Increasing the stack size doesn't accomplish anything, you'll just reserve a bunch of address space that will never be used. There is no mechanism that can explain a perf increase from not using memory of course.

This is unlike a native program, particularly one written in C, it can also reserve space for arrays on the stack frame. The basic malware attack vector behind stack buffer overflows. Possible in C# as well, you'd have to use the stackalloc keyword. If you are doing that then the obvious danger is having to write unsafe code that is subject to such attacks, as well as random stack frame corruption. Very hard to diagnose bugs. There is a counter-measure against this in later jitters, I think starting at .NET 4.0, where the jitter generates code to put a "cookie" on the stack frame and checks if it is still intact when the method returns. Instant crash to the desktop without any way to intercept or report the mishap if that happens. That's ... dangerous to the user's mental state.
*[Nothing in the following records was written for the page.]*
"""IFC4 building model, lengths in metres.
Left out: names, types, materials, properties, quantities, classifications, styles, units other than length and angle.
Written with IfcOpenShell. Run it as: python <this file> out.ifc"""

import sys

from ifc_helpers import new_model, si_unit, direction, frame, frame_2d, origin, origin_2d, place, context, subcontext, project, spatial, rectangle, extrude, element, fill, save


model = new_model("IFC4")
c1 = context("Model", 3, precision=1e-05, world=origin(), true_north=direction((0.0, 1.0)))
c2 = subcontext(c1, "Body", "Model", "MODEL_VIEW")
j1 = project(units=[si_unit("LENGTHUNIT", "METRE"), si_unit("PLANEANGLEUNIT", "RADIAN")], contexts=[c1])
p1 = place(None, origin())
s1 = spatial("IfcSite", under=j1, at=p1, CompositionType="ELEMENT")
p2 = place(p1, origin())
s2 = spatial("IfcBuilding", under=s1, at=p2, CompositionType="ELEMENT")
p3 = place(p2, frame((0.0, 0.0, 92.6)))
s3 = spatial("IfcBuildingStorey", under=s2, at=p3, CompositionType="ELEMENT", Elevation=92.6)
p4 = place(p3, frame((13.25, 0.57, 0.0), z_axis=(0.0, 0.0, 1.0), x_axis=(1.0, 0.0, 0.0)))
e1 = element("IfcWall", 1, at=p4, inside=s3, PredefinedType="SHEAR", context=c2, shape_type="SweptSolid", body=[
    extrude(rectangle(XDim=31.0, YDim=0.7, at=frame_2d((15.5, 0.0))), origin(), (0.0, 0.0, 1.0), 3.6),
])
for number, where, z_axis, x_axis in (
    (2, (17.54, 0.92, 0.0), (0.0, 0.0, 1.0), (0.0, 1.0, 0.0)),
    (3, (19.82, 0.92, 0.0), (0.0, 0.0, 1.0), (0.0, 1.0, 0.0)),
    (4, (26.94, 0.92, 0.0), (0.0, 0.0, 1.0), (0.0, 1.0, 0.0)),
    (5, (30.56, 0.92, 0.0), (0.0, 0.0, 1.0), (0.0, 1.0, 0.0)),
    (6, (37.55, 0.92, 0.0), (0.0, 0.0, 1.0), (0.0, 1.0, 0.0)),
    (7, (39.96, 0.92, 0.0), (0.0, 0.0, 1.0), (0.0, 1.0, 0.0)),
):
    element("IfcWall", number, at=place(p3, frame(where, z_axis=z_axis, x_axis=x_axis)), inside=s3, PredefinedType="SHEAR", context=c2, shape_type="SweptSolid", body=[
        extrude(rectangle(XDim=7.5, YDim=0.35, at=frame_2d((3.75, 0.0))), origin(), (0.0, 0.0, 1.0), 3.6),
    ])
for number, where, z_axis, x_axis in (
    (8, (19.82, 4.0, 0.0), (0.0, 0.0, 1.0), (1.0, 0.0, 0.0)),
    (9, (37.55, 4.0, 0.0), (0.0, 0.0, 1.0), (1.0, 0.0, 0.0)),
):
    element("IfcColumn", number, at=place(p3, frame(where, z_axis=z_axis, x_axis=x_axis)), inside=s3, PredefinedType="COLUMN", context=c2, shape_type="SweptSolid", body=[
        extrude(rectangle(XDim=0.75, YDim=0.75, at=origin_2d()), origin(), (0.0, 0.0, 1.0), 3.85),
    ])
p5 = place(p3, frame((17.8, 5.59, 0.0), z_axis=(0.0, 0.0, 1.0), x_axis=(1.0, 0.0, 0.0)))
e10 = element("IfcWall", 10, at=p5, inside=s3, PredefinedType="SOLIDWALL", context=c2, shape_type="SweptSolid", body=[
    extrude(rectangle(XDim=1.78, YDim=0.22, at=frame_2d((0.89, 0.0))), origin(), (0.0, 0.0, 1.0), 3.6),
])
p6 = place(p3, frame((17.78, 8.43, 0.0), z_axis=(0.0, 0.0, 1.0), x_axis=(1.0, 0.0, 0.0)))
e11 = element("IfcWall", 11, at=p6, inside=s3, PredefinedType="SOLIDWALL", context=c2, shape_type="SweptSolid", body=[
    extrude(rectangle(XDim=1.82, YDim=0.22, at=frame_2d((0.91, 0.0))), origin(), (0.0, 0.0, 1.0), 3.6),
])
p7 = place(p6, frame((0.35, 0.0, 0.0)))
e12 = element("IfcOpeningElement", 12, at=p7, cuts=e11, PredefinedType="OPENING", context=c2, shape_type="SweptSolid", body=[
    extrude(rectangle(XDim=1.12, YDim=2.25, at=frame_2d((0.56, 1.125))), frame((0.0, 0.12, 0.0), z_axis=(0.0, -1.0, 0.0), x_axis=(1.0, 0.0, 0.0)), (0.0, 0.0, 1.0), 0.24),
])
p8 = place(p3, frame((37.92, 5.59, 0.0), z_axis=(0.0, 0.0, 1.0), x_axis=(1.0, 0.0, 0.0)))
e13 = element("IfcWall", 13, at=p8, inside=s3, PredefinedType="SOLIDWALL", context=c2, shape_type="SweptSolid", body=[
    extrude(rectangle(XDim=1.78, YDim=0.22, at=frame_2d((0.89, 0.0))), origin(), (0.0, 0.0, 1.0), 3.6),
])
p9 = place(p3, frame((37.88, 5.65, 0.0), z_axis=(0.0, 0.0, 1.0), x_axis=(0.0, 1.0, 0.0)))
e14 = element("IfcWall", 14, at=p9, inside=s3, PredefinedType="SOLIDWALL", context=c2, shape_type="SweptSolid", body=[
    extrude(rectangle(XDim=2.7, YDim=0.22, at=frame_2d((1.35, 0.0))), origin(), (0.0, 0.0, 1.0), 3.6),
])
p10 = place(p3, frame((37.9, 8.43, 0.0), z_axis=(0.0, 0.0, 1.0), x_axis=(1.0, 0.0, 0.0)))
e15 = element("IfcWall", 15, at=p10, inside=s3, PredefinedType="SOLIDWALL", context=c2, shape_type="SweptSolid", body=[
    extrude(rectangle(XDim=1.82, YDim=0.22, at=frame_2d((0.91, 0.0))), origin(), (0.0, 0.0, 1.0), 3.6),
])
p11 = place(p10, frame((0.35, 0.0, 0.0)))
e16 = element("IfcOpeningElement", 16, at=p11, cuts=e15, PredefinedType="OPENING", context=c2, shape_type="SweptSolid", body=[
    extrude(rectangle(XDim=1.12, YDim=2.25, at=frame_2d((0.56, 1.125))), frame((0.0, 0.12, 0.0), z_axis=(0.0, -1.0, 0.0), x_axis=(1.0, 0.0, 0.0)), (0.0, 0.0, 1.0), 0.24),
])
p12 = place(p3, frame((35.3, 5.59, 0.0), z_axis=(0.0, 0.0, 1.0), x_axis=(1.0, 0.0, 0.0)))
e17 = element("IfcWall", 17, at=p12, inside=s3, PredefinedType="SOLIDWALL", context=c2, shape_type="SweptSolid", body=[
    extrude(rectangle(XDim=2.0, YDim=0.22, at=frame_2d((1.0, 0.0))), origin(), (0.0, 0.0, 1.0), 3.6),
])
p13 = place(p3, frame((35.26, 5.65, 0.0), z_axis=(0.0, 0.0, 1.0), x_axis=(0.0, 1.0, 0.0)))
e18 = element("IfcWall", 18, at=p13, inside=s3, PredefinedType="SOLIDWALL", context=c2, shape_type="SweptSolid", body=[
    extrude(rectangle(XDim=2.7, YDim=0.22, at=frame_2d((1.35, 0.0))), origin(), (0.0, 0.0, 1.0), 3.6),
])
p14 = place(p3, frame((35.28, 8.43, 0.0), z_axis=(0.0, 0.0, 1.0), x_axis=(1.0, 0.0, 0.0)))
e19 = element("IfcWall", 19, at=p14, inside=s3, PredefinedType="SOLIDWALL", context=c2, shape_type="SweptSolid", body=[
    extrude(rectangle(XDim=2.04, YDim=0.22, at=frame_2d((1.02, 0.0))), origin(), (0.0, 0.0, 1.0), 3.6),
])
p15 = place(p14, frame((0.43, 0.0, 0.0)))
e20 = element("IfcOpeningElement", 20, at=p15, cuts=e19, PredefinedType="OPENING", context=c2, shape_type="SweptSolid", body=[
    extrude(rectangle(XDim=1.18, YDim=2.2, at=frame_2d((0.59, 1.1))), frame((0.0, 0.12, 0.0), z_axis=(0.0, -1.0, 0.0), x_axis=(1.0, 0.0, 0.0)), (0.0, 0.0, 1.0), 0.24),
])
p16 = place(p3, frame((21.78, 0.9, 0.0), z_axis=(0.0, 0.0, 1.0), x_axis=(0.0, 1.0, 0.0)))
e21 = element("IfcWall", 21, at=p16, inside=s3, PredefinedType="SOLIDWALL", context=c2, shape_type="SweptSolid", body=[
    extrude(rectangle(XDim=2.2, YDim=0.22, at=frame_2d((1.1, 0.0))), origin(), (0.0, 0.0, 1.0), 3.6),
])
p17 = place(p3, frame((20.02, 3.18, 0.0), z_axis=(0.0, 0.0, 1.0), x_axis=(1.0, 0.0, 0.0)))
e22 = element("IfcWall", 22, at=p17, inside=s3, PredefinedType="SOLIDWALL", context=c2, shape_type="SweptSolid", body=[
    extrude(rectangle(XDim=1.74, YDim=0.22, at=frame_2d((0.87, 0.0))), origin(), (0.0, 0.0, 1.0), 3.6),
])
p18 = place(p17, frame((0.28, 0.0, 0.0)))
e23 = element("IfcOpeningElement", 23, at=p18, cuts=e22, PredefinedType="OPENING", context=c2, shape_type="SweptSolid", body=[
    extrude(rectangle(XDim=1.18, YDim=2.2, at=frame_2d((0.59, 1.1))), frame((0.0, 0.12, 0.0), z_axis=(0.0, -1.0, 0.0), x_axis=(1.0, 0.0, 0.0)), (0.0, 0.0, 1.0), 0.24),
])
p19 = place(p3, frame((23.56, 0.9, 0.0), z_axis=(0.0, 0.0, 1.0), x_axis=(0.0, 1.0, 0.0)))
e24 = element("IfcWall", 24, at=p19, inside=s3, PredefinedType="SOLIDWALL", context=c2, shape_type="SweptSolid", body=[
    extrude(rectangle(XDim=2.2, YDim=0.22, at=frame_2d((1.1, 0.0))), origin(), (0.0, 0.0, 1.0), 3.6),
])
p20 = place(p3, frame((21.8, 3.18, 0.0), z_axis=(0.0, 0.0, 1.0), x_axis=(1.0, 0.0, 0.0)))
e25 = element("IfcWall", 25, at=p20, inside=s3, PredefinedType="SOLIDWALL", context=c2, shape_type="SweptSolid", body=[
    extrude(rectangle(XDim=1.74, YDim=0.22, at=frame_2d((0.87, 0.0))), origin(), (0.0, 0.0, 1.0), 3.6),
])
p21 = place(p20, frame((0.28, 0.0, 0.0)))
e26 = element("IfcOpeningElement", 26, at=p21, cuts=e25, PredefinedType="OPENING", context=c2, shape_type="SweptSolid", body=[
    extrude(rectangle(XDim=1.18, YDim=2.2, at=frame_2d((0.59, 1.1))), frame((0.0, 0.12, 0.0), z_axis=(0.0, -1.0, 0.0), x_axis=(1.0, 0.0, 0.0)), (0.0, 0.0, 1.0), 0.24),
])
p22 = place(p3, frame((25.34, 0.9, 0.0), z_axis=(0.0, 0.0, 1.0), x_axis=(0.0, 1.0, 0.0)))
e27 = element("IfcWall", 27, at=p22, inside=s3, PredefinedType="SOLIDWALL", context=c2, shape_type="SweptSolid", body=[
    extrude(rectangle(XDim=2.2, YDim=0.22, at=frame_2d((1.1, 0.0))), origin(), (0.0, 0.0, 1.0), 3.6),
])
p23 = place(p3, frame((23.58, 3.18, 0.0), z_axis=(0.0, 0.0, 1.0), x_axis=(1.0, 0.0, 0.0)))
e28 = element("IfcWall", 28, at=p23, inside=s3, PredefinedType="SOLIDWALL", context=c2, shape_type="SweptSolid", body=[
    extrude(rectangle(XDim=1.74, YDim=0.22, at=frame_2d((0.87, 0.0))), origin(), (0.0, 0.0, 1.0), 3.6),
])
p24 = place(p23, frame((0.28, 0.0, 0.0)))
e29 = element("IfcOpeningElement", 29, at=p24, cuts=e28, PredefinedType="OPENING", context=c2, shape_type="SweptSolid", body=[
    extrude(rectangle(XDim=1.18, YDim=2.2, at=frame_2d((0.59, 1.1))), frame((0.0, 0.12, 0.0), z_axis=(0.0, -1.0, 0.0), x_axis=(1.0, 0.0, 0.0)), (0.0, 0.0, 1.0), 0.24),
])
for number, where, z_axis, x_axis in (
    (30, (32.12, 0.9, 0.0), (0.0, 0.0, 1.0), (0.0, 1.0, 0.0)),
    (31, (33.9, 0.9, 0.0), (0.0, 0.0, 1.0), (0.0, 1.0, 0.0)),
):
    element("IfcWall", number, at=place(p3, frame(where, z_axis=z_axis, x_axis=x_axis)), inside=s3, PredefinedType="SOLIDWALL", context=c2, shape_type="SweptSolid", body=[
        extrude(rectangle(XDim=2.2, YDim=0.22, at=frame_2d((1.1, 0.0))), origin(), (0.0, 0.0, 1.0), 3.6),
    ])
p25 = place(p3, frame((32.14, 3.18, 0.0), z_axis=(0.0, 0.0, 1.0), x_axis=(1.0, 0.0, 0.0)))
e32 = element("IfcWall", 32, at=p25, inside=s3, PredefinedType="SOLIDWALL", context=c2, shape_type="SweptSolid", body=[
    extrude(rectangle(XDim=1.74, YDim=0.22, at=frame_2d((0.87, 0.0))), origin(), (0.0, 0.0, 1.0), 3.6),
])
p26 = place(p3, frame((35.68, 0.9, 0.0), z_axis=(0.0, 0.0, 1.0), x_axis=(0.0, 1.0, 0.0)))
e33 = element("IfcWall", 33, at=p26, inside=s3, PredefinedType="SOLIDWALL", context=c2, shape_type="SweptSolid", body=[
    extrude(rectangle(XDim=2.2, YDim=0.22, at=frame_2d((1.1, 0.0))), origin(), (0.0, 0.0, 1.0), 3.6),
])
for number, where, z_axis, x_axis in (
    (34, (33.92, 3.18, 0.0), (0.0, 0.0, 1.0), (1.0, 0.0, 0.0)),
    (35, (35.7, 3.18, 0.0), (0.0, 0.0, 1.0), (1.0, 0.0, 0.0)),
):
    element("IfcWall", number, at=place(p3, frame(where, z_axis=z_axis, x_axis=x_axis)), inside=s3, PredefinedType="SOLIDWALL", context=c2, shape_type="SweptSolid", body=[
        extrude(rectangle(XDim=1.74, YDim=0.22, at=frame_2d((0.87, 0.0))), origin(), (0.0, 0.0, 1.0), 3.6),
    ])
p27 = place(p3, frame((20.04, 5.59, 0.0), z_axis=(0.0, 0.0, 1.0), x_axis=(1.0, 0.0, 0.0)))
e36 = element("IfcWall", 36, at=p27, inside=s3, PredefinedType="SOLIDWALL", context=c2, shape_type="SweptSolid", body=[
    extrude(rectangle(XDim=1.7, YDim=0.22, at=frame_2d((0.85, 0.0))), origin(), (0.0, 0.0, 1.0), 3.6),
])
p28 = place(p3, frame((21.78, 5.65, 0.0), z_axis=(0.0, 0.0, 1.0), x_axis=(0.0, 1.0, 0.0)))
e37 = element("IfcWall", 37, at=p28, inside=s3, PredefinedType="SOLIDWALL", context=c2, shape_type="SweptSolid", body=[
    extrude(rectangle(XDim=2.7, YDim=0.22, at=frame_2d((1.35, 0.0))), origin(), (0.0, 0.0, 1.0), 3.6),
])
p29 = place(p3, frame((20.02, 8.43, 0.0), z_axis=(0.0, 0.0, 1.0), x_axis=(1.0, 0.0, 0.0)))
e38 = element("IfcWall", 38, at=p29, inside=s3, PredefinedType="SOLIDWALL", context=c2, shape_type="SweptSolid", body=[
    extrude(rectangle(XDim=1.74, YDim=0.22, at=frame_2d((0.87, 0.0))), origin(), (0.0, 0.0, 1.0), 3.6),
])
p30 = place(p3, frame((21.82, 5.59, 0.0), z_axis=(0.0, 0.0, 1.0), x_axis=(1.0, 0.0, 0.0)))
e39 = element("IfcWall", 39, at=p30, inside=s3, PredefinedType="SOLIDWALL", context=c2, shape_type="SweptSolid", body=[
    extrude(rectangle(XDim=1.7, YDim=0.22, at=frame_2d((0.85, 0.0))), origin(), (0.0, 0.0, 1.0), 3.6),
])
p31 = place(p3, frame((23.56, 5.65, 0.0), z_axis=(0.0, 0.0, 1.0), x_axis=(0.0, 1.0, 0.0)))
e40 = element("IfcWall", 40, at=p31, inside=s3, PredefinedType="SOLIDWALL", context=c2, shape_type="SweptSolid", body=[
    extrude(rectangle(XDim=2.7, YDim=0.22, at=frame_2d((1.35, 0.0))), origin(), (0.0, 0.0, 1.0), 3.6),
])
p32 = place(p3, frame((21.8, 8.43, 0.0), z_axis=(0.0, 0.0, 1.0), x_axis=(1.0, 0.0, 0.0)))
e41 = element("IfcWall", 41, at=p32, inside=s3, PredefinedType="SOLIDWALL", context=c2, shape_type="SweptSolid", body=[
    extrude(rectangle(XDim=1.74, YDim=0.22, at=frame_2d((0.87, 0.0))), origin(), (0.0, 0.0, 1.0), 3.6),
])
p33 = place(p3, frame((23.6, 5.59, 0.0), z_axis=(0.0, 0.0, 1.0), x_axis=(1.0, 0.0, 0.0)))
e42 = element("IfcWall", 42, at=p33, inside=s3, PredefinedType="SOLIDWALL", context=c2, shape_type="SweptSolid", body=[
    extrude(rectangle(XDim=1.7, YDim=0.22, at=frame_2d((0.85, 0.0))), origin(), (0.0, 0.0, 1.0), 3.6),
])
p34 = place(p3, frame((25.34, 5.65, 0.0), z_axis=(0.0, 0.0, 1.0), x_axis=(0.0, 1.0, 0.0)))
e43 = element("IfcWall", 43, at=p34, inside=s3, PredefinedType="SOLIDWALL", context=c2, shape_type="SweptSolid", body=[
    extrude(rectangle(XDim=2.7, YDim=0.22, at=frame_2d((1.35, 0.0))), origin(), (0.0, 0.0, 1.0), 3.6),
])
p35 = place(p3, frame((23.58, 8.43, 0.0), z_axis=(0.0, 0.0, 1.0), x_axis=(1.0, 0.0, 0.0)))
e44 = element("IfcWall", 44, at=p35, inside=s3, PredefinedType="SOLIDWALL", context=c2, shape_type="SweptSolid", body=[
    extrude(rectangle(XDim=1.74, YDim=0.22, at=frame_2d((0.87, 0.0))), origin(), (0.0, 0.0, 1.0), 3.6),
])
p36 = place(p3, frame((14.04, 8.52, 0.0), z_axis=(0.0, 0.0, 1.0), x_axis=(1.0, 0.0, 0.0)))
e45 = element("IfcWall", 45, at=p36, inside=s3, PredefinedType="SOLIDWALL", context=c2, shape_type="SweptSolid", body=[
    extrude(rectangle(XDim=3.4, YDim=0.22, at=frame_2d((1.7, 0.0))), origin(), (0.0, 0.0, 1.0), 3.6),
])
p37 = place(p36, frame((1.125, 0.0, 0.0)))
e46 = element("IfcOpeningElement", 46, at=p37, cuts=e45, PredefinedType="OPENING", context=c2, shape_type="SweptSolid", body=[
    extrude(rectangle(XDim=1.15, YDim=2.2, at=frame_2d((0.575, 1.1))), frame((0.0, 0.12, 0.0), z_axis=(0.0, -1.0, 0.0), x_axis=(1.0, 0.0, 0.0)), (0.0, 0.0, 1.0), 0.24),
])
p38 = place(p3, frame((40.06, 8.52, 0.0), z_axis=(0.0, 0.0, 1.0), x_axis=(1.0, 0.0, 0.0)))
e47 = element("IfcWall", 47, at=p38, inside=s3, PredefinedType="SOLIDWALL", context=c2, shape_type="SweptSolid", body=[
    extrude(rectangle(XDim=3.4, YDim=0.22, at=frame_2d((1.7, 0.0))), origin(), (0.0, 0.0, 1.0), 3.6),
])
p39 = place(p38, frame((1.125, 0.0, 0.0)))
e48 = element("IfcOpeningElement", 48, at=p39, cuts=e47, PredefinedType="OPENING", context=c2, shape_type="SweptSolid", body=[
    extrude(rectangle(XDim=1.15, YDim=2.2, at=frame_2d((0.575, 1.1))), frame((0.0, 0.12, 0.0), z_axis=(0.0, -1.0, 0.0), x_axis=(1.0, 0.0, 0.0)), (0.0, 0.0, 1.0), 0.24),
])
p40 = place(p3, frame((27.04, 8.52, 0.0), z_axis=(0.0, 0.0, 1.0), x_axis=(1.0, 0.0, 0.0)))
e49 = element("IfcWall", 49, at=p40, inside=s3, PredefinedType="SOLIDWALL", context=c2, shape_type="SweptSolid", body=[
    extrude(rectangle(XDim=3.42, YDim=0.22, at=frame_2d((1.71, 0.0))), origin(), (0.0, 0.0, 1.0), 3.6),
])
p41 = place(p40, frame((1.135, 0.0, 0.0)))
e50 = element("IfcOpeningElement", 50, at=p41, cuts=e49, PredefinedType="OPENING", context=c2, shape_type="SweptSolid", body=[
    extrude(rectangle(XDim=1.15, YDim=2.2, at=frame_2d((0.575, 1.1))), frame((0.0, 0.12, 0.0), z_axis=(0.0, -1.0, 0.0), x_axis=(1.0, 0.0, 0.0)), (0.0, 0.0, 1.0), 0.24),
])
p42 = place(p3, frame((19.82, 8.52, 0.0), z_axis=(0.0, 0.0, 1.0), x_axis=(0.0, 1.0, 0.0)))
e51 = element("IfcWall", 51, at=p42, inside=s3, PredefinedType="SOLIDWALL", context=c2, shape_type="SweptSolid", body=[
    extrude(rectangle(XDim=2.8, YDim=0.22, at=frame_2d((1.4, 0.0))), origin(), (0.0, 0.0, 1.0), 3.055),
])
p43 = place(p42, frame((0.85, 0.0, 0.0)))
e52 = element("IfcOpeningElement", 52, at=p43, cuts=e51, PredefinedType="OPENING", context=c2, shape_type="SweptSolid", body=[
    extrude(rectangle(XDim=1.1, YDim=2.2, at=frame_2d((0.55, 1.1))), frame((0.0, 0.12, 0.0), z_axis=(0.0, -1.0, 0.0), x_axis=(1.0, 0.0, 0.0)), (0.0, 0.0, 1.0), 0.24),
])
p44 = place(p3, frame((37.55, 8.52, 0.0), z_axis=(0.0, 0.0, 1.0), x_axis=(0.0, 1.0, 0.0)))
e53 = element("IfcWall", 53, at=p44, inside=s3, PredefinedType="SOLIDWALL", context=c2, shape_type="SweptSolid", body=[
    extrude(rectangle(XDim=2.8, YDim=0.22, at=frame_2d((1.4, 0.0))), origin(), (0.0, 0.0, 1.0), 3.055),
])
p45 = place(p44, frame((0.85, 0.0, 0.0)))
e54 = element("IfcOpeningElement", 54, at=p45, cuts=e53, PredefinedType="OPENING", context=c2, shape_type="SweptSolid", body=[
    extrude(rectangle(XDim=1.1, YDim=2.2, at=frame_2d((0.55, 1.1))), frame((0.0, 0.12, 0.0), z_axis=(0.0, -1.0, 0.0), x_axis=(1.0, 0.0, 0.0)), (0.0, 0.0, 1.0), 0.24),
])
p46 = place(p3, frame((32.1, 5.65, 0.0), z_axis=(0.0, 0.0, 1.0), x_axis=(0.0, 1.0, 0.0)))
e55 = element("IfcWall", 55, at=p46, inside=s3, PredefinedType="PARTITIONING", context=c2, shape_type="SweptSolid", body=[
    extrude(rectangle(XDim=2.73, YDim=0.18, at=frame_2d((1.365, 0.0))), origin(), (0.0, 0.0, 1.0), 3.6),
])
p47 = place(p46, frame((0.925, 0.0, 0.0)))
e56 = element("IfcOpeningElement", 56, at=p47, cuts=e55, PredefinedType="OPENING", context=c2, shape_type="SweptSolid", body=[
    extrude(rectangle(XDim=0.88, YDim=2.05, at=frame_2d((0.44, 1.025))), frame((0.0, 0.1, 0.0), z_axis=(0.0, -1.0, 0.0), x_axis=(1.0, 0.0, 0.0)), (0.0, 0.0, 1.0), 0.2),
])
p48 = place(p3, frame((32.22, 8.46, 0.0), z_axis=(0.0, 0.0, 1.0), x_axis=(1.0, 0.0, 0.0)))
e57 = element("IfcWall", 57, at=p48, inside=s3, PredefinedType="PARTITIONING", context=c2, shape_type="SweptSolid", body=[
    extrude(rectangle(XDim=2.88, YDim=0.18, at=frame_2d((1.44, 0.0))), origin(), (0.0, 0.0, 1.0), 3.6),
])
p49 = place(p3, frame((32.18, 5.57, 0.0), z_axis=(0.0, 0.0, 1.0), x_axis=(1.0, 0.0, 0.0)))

The main thread of your program, the one started by the operating system, will have a 1 MB stack by default, 4 MB when you compile your program targeting x64. Increasing that requires running Editbin.exe with the /STACK option in a post build event. You can typically ask for up to 500 MB before your program will have trouble getting started when running in 32-bit mode. Threads can too, much easier of course, the danger zone typically hovers around 90 MB for a 32-bit program. Triggered when your program has been running for a long time and address space got fragmented from previous allocations. Total address space usage must already be high, over a gig, to get this failure mode.

Triple-check your code, there's something very wrong. You can't get a x5 speedup with a bigger stack unless you explicitly write your code to take advantage of it. Which always requires unsafe code. Using pointers in C# always has a knack for creating faster code, it isn't subjected to the array bounds checks.


One thing that can go wrong is that you might not get the permission to do so. Unless running in full-trust mode, the Framework will just ignore the request for a larger stack size (see MSDN on Thread Constructor (ParameterizedThreadStart, Int32))

Instead of increasing the system stack size to such huge numbers, I would suggest to rewrite your code so that it uses Iteration and a manual stack implementation on the heap.